William H. Dutton, in Encyclopedia of International Media and Communications, 2003

II The Post-Industrial “Information” Society

Bell identified major trends in what he called the “coming” post-industrial society, focusing on the United States as the exemplary case. The principal trends he tied to the development of an information society included the growth of employment in information-related work; the rise of business and industry tied to the production, transmission, and analysis of information; and the increasing centrality to decision making of technologists, that is, managers and professionals skilled in the use of information for planning and analysis (Table I).

Table I. Trends in the Development of an Information Society

1. The growth of employment in information-related work;2. The rise of business and industry tied to the production, transmission, and analysis of information, including theoretical knowledge, and the systematic organization of basic research programs and scientific activities—the codification of knowledge—to support social and technical innovation;3. The increasing centrality to decision making of technologists—managers and professionals skilled in the use of “intellectual technologies” such as modeling, simulation, and decision support systems for planning and analysis.

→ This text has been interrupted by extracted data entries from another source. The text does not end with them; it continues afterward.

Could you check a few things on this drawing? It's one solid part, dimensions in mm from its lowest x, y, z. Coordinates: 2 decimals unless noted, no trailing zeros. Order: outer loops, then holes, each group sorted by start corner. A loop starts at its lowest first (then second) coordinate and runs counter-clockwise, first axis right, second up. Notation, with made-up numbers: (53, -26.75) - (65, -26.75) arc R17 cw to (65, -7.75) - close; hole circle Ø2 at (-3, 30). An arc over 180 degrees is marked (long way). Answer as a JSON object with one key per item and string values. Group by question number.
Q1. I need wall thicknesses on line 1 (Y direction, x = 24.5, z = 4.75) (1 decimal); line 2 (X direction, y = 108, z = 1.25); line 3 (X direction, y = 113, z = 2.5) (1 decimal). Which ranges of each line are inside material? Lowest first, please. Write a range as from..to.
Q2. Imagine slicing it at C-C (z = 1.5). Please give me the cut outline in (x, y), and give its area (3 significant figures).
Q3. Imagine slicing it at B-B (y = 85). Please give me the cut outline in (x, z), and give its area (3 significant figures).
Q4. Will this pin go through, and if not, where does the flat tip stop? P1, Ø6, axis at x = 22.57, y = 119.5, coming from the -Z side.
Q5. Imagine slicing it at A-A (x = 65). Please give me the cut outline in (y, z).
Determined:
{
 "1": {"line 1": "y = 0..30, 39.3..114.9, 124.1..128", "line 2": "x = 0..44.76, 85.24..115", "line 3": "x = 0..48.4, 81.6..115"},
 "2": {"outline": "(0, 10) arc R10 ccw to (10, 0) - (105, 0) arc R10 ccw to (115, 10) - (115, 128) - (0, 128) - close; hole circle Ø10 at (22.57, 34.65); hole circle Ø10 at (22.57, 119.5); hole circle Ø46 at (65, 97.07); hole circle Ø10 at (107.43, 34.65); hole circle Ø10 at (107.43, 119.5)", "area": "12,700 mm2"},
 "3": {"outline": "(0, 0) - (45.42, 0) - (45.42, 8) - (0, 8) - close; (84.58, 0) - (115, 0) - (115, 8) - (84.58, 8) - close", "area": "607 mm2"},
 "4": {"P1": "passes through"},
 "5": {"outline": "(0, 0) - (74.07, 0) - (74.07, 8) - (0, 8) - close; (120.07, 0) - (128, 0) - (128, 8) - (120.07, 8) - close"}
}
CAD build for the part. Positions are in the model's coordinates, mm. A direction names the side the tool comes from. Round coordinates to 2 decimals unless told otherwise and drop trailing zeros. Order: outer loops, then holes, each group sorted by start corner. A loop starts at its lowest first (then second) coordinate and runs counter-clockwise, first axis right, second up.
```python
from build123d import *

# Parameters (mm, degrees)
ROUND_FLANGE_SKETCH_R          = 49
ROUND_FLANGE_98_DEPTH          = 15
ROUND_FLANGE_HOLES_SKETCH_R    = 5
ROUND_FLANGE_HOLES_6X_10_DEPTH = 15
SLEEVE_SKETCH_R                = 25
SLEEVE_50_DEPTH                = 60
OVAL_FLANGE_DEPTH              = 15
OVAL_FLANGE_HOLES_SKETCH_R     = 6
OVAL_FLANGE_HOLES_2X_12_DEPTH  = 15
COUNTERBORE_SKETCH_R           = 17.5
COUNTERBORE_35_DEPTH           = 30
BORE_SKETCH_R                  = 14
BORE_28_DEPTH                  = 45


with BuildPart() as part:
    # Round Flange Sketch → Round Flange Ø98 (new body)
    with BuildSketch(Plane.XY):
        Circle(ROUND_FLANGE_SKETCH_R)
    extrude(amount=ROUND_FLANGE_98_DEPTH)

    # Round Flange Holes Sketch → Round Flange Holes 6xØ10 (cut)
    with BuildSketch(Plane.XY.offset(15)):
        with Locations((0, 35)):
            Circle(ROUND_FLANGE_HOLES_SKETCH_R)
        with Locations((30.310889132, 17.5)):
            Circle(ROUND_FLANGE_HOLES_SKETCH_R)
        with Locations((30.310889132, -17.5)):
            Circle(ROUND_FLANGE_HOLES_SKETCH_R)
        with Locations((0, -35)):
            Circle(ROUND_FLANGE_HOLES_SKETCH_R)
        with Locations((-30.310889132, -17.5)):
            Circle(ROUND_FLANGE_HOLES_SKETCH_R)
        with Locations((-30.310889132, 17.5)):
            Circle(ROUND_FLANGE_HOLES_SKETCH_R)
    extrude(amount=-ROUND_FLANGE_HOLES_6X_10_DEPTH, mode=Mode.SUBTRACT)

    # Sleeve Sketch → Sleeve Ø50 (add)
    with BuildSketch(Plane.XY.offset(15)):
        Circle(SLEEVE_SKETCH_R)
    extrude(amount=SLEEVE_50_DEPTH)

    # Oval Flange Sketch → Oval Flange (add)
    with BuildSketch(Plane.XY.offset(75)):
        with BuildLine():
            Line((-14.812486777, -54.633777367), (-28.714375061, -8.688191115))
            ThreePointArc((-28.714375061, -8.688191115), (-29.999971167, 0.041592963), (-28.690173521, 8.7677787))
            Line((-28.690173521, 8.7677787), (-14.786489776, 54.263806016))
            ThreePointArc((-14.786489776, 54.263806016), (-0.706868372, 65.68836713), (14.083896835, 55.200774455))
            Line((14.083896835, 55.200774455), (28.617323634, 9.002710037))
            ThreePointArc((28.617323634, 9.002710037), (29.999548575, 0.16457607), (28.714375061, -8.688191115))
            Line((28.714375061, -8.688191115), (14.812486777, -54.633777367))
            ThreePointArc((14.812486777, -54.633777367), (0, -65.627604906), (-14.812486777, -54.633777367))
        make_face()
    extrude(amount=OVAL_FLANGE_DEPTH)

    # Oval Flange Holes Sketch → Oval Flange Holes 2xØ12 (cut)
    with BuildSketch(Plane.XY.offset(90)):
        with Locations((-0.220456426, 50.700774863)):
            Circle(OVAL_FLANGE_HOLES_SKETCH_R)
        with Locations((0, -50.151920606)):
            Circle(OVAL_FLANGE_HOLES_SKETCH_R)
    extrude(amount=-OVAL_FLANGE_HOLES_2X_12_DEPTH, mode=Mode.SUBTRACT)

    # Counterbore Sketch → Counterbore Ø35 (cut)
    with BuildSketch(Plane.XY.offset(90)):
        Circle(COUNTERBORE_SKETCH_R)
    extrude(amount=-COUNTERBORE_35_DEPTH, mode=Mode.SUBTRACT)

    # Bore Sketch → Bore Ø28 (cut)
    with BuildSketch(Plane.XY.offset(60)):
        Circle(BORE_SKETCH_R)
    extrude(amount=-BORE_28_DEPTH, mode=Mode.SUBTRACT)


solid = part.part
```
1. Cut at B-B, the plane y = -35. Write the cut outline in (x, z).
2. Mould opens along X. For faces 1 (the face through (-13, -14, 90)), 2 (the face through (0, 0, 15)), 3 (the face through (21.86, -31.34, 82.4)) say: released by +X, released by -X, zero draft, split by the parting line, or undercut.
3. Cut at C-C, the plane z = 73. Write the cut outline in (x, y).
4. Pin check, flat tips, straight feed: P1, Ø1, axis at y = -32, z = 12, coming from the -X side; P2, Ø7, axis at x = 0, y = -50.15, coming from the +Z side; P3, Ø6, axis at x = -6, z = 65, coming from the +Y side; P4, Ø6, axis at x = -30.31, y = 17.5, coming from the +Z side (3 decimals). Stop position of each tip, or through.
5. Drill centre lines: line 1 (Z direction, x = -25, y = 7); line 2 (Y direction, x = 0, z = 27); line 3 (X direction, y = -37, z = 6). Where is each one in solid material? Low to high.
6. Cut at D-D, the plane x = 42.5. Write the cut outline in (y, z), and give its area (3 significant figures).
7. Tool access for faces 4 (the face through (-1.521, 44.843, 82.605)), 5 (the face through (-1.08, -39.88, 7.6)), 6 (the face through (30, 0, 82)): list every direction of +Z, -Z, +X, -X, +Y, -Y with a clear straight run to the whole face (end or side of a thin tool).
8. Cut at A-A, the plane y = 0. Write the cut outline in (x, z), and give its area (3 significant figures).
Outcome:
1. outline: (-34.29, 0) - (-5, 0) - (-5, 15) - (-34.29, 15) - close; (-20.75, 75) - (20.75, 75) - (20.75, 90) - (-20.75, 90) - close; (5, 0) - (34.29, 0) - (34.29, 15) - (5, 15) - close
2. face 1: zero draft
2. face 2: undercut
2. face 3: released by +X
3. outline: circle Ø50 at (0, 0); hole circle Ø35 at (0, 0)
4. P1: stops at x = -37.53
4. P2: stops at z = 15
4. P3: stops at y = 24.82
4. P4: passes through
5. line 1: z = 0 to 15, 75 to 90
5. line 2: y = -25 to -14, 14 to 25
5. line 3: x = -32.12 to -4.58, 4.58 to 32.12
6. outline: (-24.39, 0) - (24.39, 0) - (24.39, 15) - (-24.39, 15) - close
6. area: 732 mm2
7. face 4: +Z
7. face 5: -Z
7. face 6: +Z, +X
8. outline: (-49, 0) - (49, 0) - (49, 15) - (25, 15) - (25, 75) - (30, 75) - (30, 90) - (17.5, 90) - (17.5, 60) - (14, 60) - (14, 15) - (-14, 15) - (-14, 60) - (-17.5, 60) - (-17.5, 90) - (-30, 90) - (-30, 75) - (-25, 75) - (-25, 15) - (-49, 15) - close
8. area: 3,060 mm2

Source: Adapted from D. Bell (1999), The coming of Post-Industrial Society: A Venture in Social Forecasting. Basic books, New York; and W. H. Dutton (1999), Society on the Line: Information Politics in the Digital Age, by permission of Oxford University Press.

The most significant trend has been the shift in the majority of the labor force from agriculture (the primary sector) and manufacturing (the secondary sector) to services (the tertiary sector). Growth in information work, primarily white-collar occupations, has contributed to growth in service sectors. Information work includes a broad array of jobs involved with creating, using, distributing, or otherwise working with data, information, or knowledge. Therefore, information work can encompass a wide range of jobs, from computer programmers and software engineers to teachers and researchers. In addition to Machlup, Marc Porat and others have tried to define information work and measure trends, generating debates over issues such as whether or not government employees are “information workers” because they essentially process information.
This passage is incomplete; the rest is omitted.